In fact, believing that friendships happen organically actually hinders people from making friends because it stops them from being intentional. One study surveyed older adults and found that those who believed that making friends was a matter of luck were lonelier five years later, whereas those who believed that friendship takes effort were less lonely. The reason? Believing it takes effort was related to engaging in more social activities, such as visiting friends and family or going to church. And it was this engagement in social activities that was also related to being less lonely five years later.

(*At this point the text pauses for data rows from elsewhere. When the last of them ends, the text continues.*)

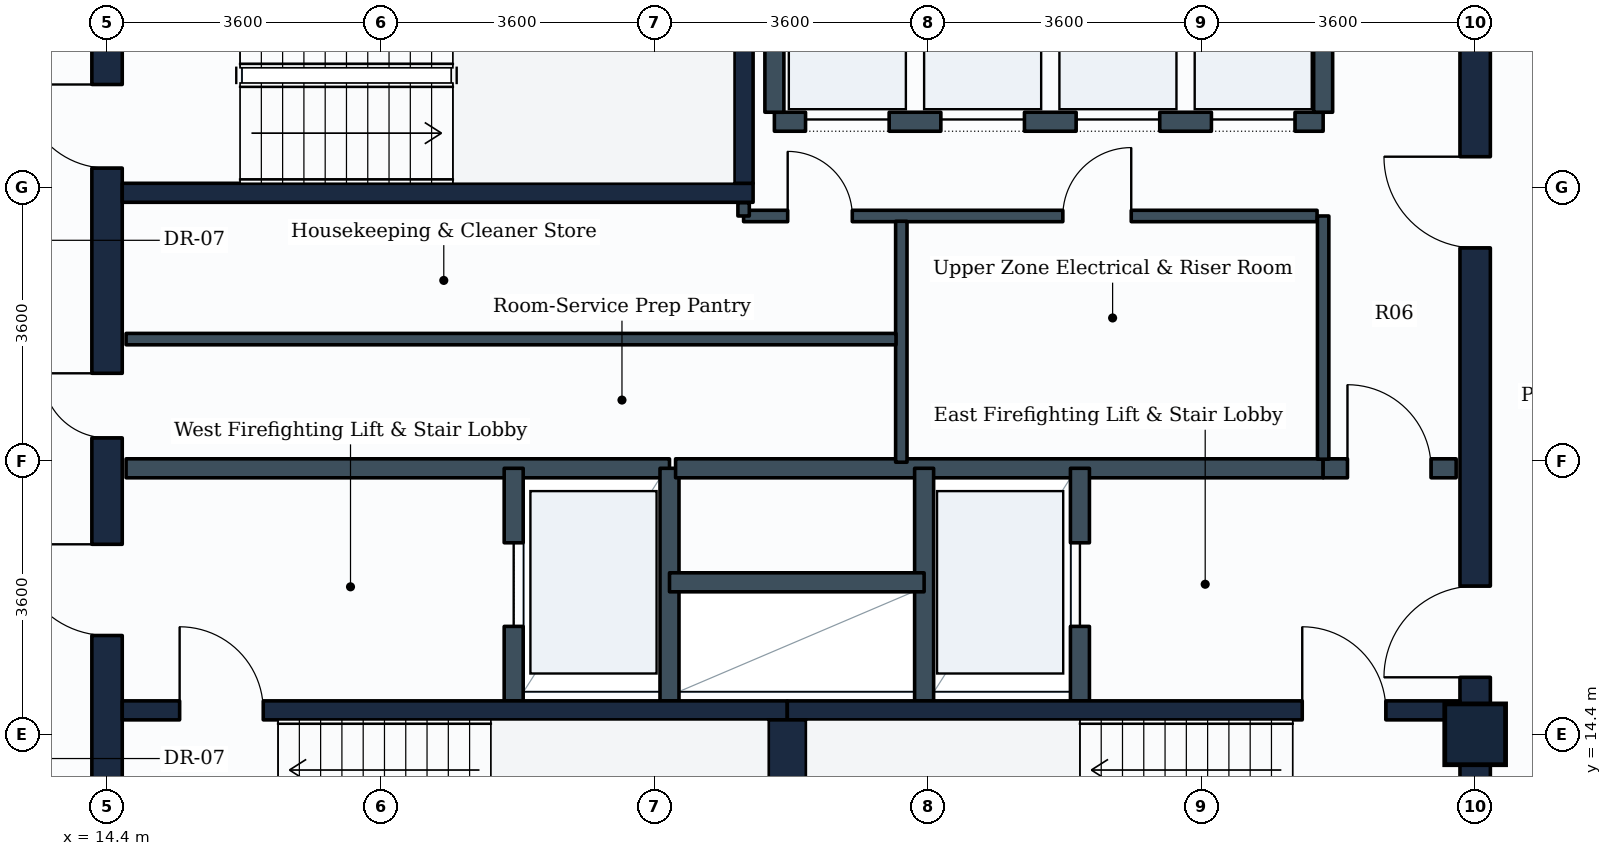
"""IFC4 building model, lengths in metres.
Left out: names, types, materials, properties, quantities, classifications, styles, units other than length and angle.
Written with IfcOpenShell. Run it as: python <this file> out.ifc"""

import sys

from ifc_helpers import new_model, si_unit, direction, frame, frame_2d, origin, origin_2d, place, context, subcontext, project, spatial, rectangle, extrude, element, fill, save


model = new_model("IFC4")
c1 = context("Model", 3, precision=1e-05, world=origin(), true_north=direction((0.0, 1.0)))
c2 = subcontext(c1, "Body", "Model", "MODEL_VIEW")
j1 = project(units=[si_unit("LENGTHUNIT", "METRE"), si_unit("PLANEANGLEUNIT", "RADIAN")], contexts=[c1])
p1 = place(None, origin())
s1 = spatial("IfcSite", under=j1, at=p1, CompositionType="ELEMENT")
p2 = place(p1, origin())
s2 = spatial("IfcBuilding", under=s1, at=p2, CompositionType="ELEMENT")
p3 = place(p2, frame((0.0, 0.0, 255.8)))
s3 = spatial("IfcBuildingStorey", under=s2, at=p3, CompositionType="ELEMENT", Elevation=255.8)
p4 = place(p3, frame((32.4, 14.4, 0.0), z_axis=(0.0, 0.0, 1.0), x_axis=(1.0, 0.0, 0.0)))
e1 = element("IfcColumn", 1, at=p4, inside=s3, PredefinedType="COLUMN", context=c2, shape_type="SweptSolid", body=[
    extrude(rectangle(XDim=0.8, YDim=0.8, at=origin_2d()), origin(), (0.0, 0.0, 1.0), 3.6),
])
p5 = place(p3, frame((14.4, 10.8, 0.0), z_axis=(0.0, 0.0, 1.0), x_axis=(0.0, 1.0, 0.0)))
e2 = element("IfcWall", 2, at=p5, inside=s3, PredefinedType="SHEAR", context=c2, shape_type="SweptSolid", body=[
    extrude(rectangle(XDim=14.4, YDim=0.4, at=frame_2d((7.2, 0.0))), origin(), (0.0, 0.0, 1.0), 3.35),
])
p6 = place(p5, frame((11.05, 0.0, 0.0)))
e3 = element("IfcOpeningElement", 3, at=p6, cuts=e2, PredefinedType="OPENING", context=c2, shape_type="SweptSolid", body=[
    extrude(rectangle(XDim=1.1, YDim=2.1, at=frame_2d((0.55, 1.05))), frame((0.0, 0.21, 0.0), z_axis=(0.0, -1.0, 0.0), x_axis=(1.0, 0.0, 0.0)), (0.0, 0.0, 1.0), 0.42),
])
p7 = place(p5, frame((4.9, 0.0, 0.0)))
e4 = element("IfcOpeningElement", 4, at=p7, cuts=e2, PredefinedType="OPENING", context=c2, shape_type="SweptSolid", body=[
    extrude(rectangle(XDim=1.2, YDim=2.1, at=frame_2d((0.6, 1.05))), frame((0.0, 0.21, 0.0), z_axis=(0.0, -1.0, 0.0), x_axis=(1.0, 0.0, 0.0)), (0.0, 0.0, 1.0), 0.42),
])
p8 = place(p5, frame((7.5, 0.0, 0.0)))
e5 = element("IfcOpeningElement", 5, at=p8, cuts=e2, PredefinedType="OPENING", context=c2, shape_type="SweptSolid", body=[
    extrude(rectangle(XDim=0.85, YDim=2.1, at=frame_2d((0.425, 1.05))), frame((0.0, 0.21, 0.0), z_axis=(0.0, -1.0, 0.0), x_axis=(1.0, 0.0, 0.0)), (0.0, 0.0, 1.0), 0.42),
])
p9 = place(p3, frame((32.4, 10.8, 0.0), z_axis=(0.0, 0.0, 1.0), x_axis=(0.0, 1.0, 0.0)))
e6 = element("IfcWall", 6, at=p9, inside=s3, PredefinedType="SHEAR", context=c2, shape_type="SweptSolid", body=[
    extrude(rectangle(XDim=14.4, YDim=0.4, at=frame_2d((7.2, 0.0))), origin(), (0.0, 0.0, 1.0), 3.35),
])
p10 = place(p9, frame((4.35, 0.0, 0.0)))
e7 = element("IfcOpeningElement", 7, at=p10, cuts=e6, PredefinedType="OPENING", context=c2, shape_type="SweptSolid", body=[
    extrude(rectangle(XDim=1.2, YDim=2.1, at=frame_2d((0.6, 1.05))), frame((0.0, 0.21, 0.0), z_axis=(0.0, -1.0, 0.0), x_axis=(1.0, 0.0, 0.0)), (0.0, 0.0, 1.0), 0.42),
])
p11 = place(p9, frame((10.0, 0.0, 0.0)))
e8 = element("IfcOpeningElement", 8, at=p11, cuts=e6, PredefinedType="OPENING", context=c2, shape_type="SweptSolid", body=[
    extrude(rectangle(XDim=1.2, YDim=2.1, at=frame_2d((0.6, 1.05))), frame((0.0, 0.21, 0.0), z_axis=(0.0, -1.0, 0.0), x_axis=(1.0, 0.0, 0.0)), (0.0, 0.0, 1.0), 0.42),
])
p12 = place(p3, frame((14.6, 14.715, 0.0), z_axis=(0.0, 0.0, 1.0), x_axis=(1.0, 0.0, 0.0)))
e9 = element("IfcWall", 9, at=p12, inside=s3, PredefinedType="SHEAR", context=c2, shape_type="SweptSolid", body=[
    extrude(rectangle(XDim=8.75, YDim=0.25, at=frame_2d((4.375, 0.0))), origin(), (0.0, 0.0, 1.0), 3.35),
])
p13 = place(p12, frame((0.755, 0.0, 0.0)))
e10 = element("IfcOpeningElement", 10, at=p13, cuts=e9, PredefinedType="OPENING", context=c2, shape_type="SweptSolid", body=[
    extrude(rectangle(XDim=1.1, YDim=2.1, at=frame_2d((0.55, 1.05))), frame((0.0, 0.135, 0.0), z_axis=(0.0, -1.0, 0.0), x_axis=(1.0, 0.0, 0.0)), (0.0, 0.0, 1.0), 0.27),
])
p14 = place(p3, frame((23.35, 14.715, 0.0), z_axis=(0.0, 0.0, 1.0), x_axis=(1.0, 0.0, 0.0)))
e11 = element("IfcWall", 11, at=p14, inside=s3, PredefinedType="SHEAR", context=c2, shape_type="SweptSolid", body=[
    extrude(rectangle(XDim=8.85, YDim=0.25, at=frame_2d((4.425, 0.0))), origin(), (0.0, 0.0, 1.0), 3.35),
])
p15 = place(p14, frame((6.775, 0.0, 0.0)))
e12 = element("IfcOpeningElement", 12, at=p15, cuts=e11, PredefinedType="OPENING", context=c2, shape_type="SweptSolid", body=[
    extrude(rectangle(XDim=1.1, YDim=2.1, at=frame_2d((0.55, 1.05))), frame((0.0, 0.135, 0.0), z_axis=(0.0, -1.0, 0.0), x_axis=(1.0, 0.0, 0.0)), (0.0, 0.0, 1.0), 0.27),
])
p16 = place(p3, frame((23.35, 11.75, 0.0), z_axis=(0.0, 0.0, 1.0), x_axis=(0.0, 1.0, 0.0)))
e13 = element("IfcWall", 13, at=p16, inside=s3, PredefinedType="SHEAR", context=c2, shape_type="SweptSolid", body=[
    extrude(rectangle(XDim=2.84, YDim=0.5, at=frame_2d((1.42, 0.0))), origin(), (0.0, 0.0, 1.0), 3.35),
])
p17 = place(p3, frame((14.6, 21.525, 0.0), z_axis=(0.0, 0.0, 1.0), x_axis=(1.0, 0.0, 0.0)))
e14 = element("IfcWall", 14, at=p17, inside=s3, PredefinedType="SHEAR", context=c2, shape_type="SweptSolid", body=[
    extrude(rectangle(XDim=8.3, YDim=0.25, at=frame_2d((4.15, 0.0))), origin(), (0.0, 0.0, 1.0), 3.35),
])
p18 = place(p3, frame((22.775, 21.65, 0.0), z_axis=(0.0, 0.0, 1.0), x_axis=(0.0, 1.0, 0.0)))
e15 = element("IfcWall", 15, at=p18, inside=s3, PredefinedType="SHEAR", context=c2, shape_type="SweptSolid", body=[
    extrude(rectangle(XDim=2.84, YDim=0.25, at=frame_2d((1.42, 0.0))), origin(), (0.0, 0.0, 1.0), 3.35),
])
p19 = place(p3, frame((14.65, 17.9, 0.0), z_axis=(0.0, 0.0, 1.0), x_axis=(1.0, 0.0, 0.0)))
e16 = element("IfcWall", 16, at=p19, inside=s3, PredefinedType="PARTITIONING", context=c2, shape_type="SweptSolid", body=[
    extrude(rectangle(XDim=7.15, YDim=0.25, at=frame_2d((3.575, 0.0))), origin(), (0.0, 0.0, 1.0), 3.335),
])
p20 = place(p3, frame((19.75, 14.84, 0.0), z_axis=(0.0, 0.0, 1.0), x_axis=(0.0, 1.0, 0.0)))
e17 = element("IfcWall", 17, at=p20, inside=s3, PredefinedType="PARTITIONING", context=c2, shape_type="SweptSolid", body=[
    extrude(rectangle(XDim=3.06, YDim=0.25, at=frame_2d((1.53, 0.0))), origin(), (0.0, 0.0, 1.0), 3.335),
])
p21 = place(p20, frame((0.98, 0.0, 0.0)))
e18 = element("IfcOpeningElement", 18, at=p21, cuts=e17, PredefinedType="OPENING", context=c2, shape_type="SweptSolid", body=[
    extrude(rectangle(XDim=1.1, YDim=2.1, at=frame_2d((0.55, 1.05))), frame((0.0, 0.135, 0.0), z_axis=(0.0, -1.0, 0.0), x_axis=(1.0, 0.0, 0.0)), (0.0, 0.0, 1.0), 0.27),
])
p22 = place(p3, frame((21.8, 14.84, 0.0), z_axis=(0.0, 0.0, 1.0), x_axis=(0.0, 1.0, 0.0)))
e19 = element("IfcWall", 19, at=p22, inside=s3, PredefinedType="PARTITIONING", context=c2, shape_type="SweptSolid", body=[
    extrude(rectangle(XDim=3.06, YDim=0.25, at=frame_2d((1.53, 0.0))), origin(), (0.0, 0.0, 1.0), 3.335),
])
p23 = place(p3, frame((21.88, 17.9, 0.0), z_axis=(0.0, 0.0, 1.0), x_axis=(1.0, 0.0, 0.0)))
e20 = element("IfcWall", 20, at=p23, inside=s3, PredefinedType="PARTITIONING", context=c2, shape_type="SweptSolid", body=[
    extrude(rectangle(XDim=8.52, YDim=0.25, at=frame_2d((4.26, 0.0))), origin(), (0.0, 0.0, 1.0), 3.335),
])
p24 = place(p3, frame((30.4, 17.9, 0.0), z_axis=(0.0, 0.0, 1.0), x_axis=(1.0, 0.0, 0.0)))
e21 = element("IfcWall", 21, at=p24, inside=s3, PredefinedType="PARTITIONING", context=c2, shape_type="SweptSolid", body=[
    extrude(rectangle(XDim=1.75, YDim=0.25, at=frame_2d((0.875, 0.0))), origin(), (0.0, 0.0, 1.0), 3.335),
])
p25 = place(p24, frame((0.32, 0.0, 0.0)))
e22 = element("IfcOpeningElement", 22, at=p25, cuts=e21, PredefinedType="OPENING", context=c2, shape_type="SweptSolid", body=[
    extrude(rectangle(XDim=1.1, YDim=2.1, at=frame_2d((0.55, 1.05))), frame((0.0, 0.135, 0.0), z_axis=(0.0, -1.0, 0.0), x_axis=(1.0, 0.0, 0.0)), (0.0, 0.0, 1.0), 0.27),
])
p26 = place(p3, frame((25.15, 14.84, 0.0), z_axis=(0.0, 0.0, 1.0), x_axis=(0.0, 1.0, 0.0)))
e23 = element("IfcWall", 23, at=p26, inside=s3, PredefinedType="PARTITIONING", context=c2, shape_type="SweptSolid", body=[
    extrude(rectangle(XDim=3.06, YDim=0.25, at=frame_2d((1.53, 0.0))), origin(), (0.0, 0.0, 1.0), 3.335),
])
p27 = place(p3, frame((27.2, 14.84, 0.0), z_axis=(0.0, 0.0, 1.0), x_axis=(0.0, 1.0, 0.0)))
e24 = element("IfcWall", 24, at=p27, inside=s3, PredefinedType="PARTITIONING", context=c2, shape_type="SweptSolid", body=[
    extrude(rectangle(XDim=3.06, YDim=0.25, at=frame_2d((1.53, 0.0))), origin(), (0.0, 0.0, 1.0), 3.335),
])
p28 = place(p27, frame((0.98, 0.0, 0.0)))
e25 = element("IfcOpeningElement", 25, at=p28, cuts=e24, PredefinedType="OPENING", context=c2, shape_type="SweptSolid", body=[
    extrude(rectangle(XDim=1.1, YDim=2.1, at=frame_2d((0.55, 1.05))), frame((0.0, 0.135, 0.0), z_axis=(0.0, -1.0, 0.0), x_axis=(1.0, 0.0, 0.0)), (0.0, 0.0, 1.0), 0.27),
])
p29 = place(p3, frame((21.8, 16.4, 0.0), z_axis=(0.0, 0.0, 1.0), x_axis=(1.0, 0.0, 0.0)))
e26 = element("IfcWall", 26, at=p29, inside=s3, PredefinedType="PARTITIONING", context=c2, shape_type="SweptSolid", body=[
    extrude(rectangle(XDim=3.35, YDim=0.25, at=frame_2d((1.675, 0.0))), origin(), (0.0, 0.0, 1.0), 3.335),
])
p30 = place(p3, frame((23.18, 22.46, 0.0), z_axis=(0.0, 0.0, 1.0), x_axis=(1.0, 0.0, 0.0)))
e27 = element("IfcWall", 27, at=p30, inside=s3, PredefinedType="PARTITIONING", context=c2, shape_type="SweptSolid", body=[
    extrude(rectangle(XDim=7.22, YDim=0.25, at=frame_2d((3.61, 0.0))), origin(), (0.0, 0.0, 1.0), 3.335),
])
p31 = place(p30, frame((0.41, 0.0, 0.0)))
e28 = element("IfcOpeningElement", 28, at=p31, cuts=e27, PredefinedType="OPENING", context=c2, shape_type="SweptSolid", body=[
    extrude(rectangle(XDim=1.1, YDim=2.1, at=frame_2d((0.55, 1.05))), frame((0.0, 0.135, 0.0), z_axis=(0.0, -1.0, 0.0), x_axis=(1.0, 0.0, 0.0)), (0.0, 0.0, 1.0), 0.27),
])
p32 = place(p30, frame((2.19, 0.0, 0.0)))
e29 = element("IfcOpeningElement", 29, at=p32, cuts=e27, PredefinedType="OPENING", context=c2, shape_type="SweptSolid", body=[
    extrude(rectangle(XDim=1.1, YDim=2.1, at=frame_2d((0.55, 1.05))), frame((0.0, 0.135, 0.0), z_axis=(0.0, -1.0, 0.0), x_axis=(1.0, 0.0, 0.0)), (0.0, 0.0, 1.0), 0.27),
])
p33 = place(p30, frame((3.97, 0.0, 0.0)))
e30 = element("IfcOpeningElement", 30, at=p33, cuts=e27, PredefinedType="OPENING", context=c2, shape_type="SweptSolid", body=[
    extrude(rectangle(XDim=1.1, YDim=2.1, at=frame_2d((0.55, 1.05))), frame((0.0, 0.135, 0.0), z_axis=(0.0, -1.0, 0.0), x_axis=(1.0, 0.0, 0.0)), (0.0, 0.0, 1.0), 0.27),
])
p34 = place(p30, frame((5.75, 0.0, 0.0)))
e31 = element("IfcOpeningElement", 31, at=p34, cuts=e27, PredefinedType="OPENING", context=c2, shape_type="SweptSolid", body=[
    extrude(rectangle(XDim=1.1, YDim=2.1, at=frame_2d((0.55, 1.05))), frame((0.0, 0.135, 0.0), z_axis=(0.0, -1.0, 0.0), x_axis=(1.0, 0.0, 0.0)), (0.0, 0.0, 1.0), 0.27),
])
for number, where, z_axis, x_axis in (
    (32, (23.18, 22.585, 0.0), (0.0, 0.0, 1.0), (0.0, 1.0, 0.0)),
    (33, (30.4, 22.585, 0.0), (0.0, 0.0, 1.0), (0.0, 1.0, 0.0)),
):
    element("IfcWall", number, at=place(p3, frame(where, z_axis=z_axis, x_axis=x_axis)), inside=s3, PredefinedType="PARTITIONING", context=c2, shape_type="SweptSolid", body=[
        extrude(rectangle(XDim=2.315, YDim=0.25, at=frame_2d((1.157, 0.0))), origin(), (0.0, 0.0, 1.0), 3.335),
    ])
p35 = place(p3, frame((22.775, 21.22, 0.0), z_axis=(0.0, 0.0, 1.0), x_axis=(1.0, 0.0, 0.0)))
e34 = element("IfcWall", 34, at=p35, inside=s3, PredefinedType="PARTITIONING", context=c2, shape_type="SweptSolid", body=[
    extrude(rectangle(XDim=7.545, YDim=0.15, at=frame_2d((3.772, 0.0))), origin(), (0.0, 0.0, 1.0), 3.335),
])
p36 = place(p35, frame((0.58, 0.0, 0.0)))
e35 = element("IfcOpeningElement", 35, at=p36, cuts=e34, PredefinedType="OPENING", context=c2, shape_type="SweptSolid", body=[
    extrude(rectangle(XDim=0.85, YDim=2.1, at=frame_2d((0.425, 1.05))), frame((0.0, 0.085, 0.0), z_axis=(0.0, -1.0, 0.0), x_axis=(1.0, 0.0, 0.0)), (0.0, 0.0, 1.0), 0.17),
])
p37 = place(p35, frame((4.2, 0.0, 0.0)))
e36 = element("IfcOpeningElement", 36, at=p37, cuts=e34, PredefinedType="OPENING", context=c2, shape_type="SweptSolid", body=[
    extrude(rectangle(XDim=0.9, YDim=2.1, at=frame_2d((0.45, 1.05))), frame((0.0, 0.085, 0.0), z_axis=(0.0, -1.0, 0.0), x_axis=(1.0, 0.0, 0.0)), (0.0, 0.0, 1.0), 0.17),
])
p38 = place(p3, frame((22.775, 21.22, 0.0), z_axis=(0.0, 0.0, 1.0), x_axis=(0.0, 1.0, 0.0)))
e37 = element("IfcWall", 37, at=p38, inside=s3, PredefinedType="PARTITIONING", context=c2, shape_type="SweptSolid", body=[
    extrude(rectangle(XDim=0.175, YDim=0.15, at=frame_2d((0.087, 0.0))), origin(), (0.0, 0.0, 1.0), 3.335),
])
p39 = place(p3, frame((30.4, 18.02, 0.0), z_axis=(0.0, 0.0, 1.0), x_axis=(0.0, 1.0, 0.0)))
e38 = element("IfcWall", 38, at=p39, inside=s3, PredefinedType="PARTITIONING", context=c2, shape_type="SweptSolid", body=[
    extrude(rectangle(XDim=3.2, YDim=0.15, at=frame_2d((1.6, 0.0))), origin(), (0.0, 0.0, 1.0), 3.335),
])
p40 = place(p3, frame((24.85, 17.98, 0.0), z_axis=(0.0, 0.0, 1.0), x_axis=(0.0, 1.0, 0.0)))
e39 = element("IfcWall", 39, at=p40, inside=s3, PredefinedType="PARTITIONING", context=c2, shape_type="SweptSolid", body=[
    extrude(rectangle(XDim=3.17, YDim=0.15, at=frame_2d((1.585, 0.0))), origin(), (0.0, 0.0, 1.0), 3.335),
])
p41 = place(p3, frame((14.65, 19.6, 0.0), z_axis=(0.0, 0.0, 1.0), x_axis=(1.0, 0.0, 0.0)))
e40 = element("IfcWall", 40, at=p41, inside=s3, PredefinedType="PARTITIONING", context=c2, shape_type="SweptSolid", body=[
    extrude(rectangle(XDim=10.13, YDim=0.15, at=frame_2d((5.065, 0.0))), origin(), (0.0, 0.0, 1.0), 3.335),
])
p42 = place(p13, origin())
e41 = element("IfcDoor", 41, at=p42, inside=s3, OperationType="SINGLE_SWING_LEFT", PredefinedType="DOOR", context=c2, shape_type="SweptSolid", body=[
    extrude(rectangle(XDim=1.1, YDim=2.1, at=frame_2d((0.55, 1.05))), frame((0.0, 0.025, 0.0), z_axis=(0.0, -1.0, 0.0), x_axis=(1.0, 0.0, 0.0)), (0.0, 0.0, 1.0), 0.05),
])
fill(e10, e41)
p43 = place(p15, origin())
e42 = element("IfcDoor", 42, at=p43, inside=s3, OperationType="SINGLE_SWING_LEFT", PredefinedType="DOOR", context=c2, shape_type="SweptSolid", body=[
    extrude(rectangle(XDim=1.1, YDim=2.1, at=frame_2d((0.55, 1.05))), frame((0.0, 0.025, 0.0), z_axis=(0.0, -1.0, 0.0), x_axis=(1.0, 0.0, 0.0)), (0.0, 0.0, 1.0), 0.05),
])
fill(e12, e42)
p44 = place(p6, origin())
e43 = element("IfcDoor", 43, at=p44, inside=s3, OperationType="SINGLE_SWING_RIGHT", PredefinedType="DOOR", context=c2, shape_type="SweptSolid", body=[
    extrude(rectangle(XDim=1.1, YDim=2.1, at=frame_2d((0.55, 1.05))), frame((0.0, 0.025, 0.0), z_axis=(0.0, -1.0, 0.0), x_axis=(1.0, 0.0, 0.0)), (0.0, 0.0, 1.0), 0.05),
])
fill(e3, e43)
p45 = place(p21, origin())
e44 = element("IfcDoor", 44, at=p45, inside=s3, OperationType="SLIDING_TO_LEFT", PredefinedType="DOOR", context=c2, shape_type="SweptSolid", body=[
    extrude(rectangle(XDim=1.1, YDim=2.1, at=frame_2d((0.55, 1.05))), frame((0.0, 0.025, 0.0), z_axis=(0.0, -1.0, 0.0), x_axis=(1.0, 0.0, 0.0)), (0.0, 0.0, 1.0), 0.05),
])
fill(e18, e44)
p46 = place(p28, origin())
e45 = element("IfcDoor", 45, at=p46, inside=s3, OperationType="SLIDING_TO_LEFT", PredefinedType="DOOR", context=c2, shape_type="SweptSolid", body=[
    extrude(rectangle(XDim=1.1, YDim=2.1, at=frame_2d((0.55, 1.05))), frame((0.0, 0.025, 0.0), z_axis=(0.0, -1.0, 0.0), x_axis=(1.0, 0.0, 0.0)), (0.0, 0.0, 1.0), 0.05),
])
fill(e25, e45)
p47 = place(p7, origin())
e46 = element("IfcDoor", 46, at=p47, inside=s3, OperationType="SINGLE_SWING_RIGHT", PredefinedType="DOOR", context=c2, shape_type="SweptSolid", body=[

But before we blame ourselves for lacking friends, it’s worth mentioning just how hard it is to make friends these days. While we tend to talk about loneliness as inevitable, it isn’t. Before the 1800s, people lived among their families, farming. They had a community of extended family and friends and were involved in the village life and their place of worship. Their community was built in, not sought after. Before 1800, there wasn’t even a word for loneliness as we know it. The word “lonely” described the state of being alone, rather than the pain of it.

With the rise of industrialization, and of parents leaving home to work in factories, community bonds tapered, and the nuclear family became the centre of people’s world. People began to move for work, but increased residential mobility means relationships become more disposable, according to one study. As people left their family for work, they lived alone for the first time, which magnified loneliness. John Bowlby, a psychologist famous for fathering attachment theory, said, “If people know each other and have long-term relationships, mutual help makes sense, because I can help you today and five years hence you can help me. But if you aren’t going to be here in five years, and the community is constantly changing, it is by definition not mutually helpful.” Increasing work demands, residential mobility and single-person homes explain why The Economist called loneliness “the leprosy of the 21st century.”

Perhaps these remnants of our evolutionary past lead us to assume that friendship happens organically. Because it once did. But it doesn’t any more. If we want to make and keep friends, we need to swim against the tides of disconnection that have been gradually contaminating us for centuries. It’s not fair at all. It shouldn’t be this hard. But once we know what we’re dealing with, we can shed passivity for intention. For friendship to happen, someone has to be brave. Be brave.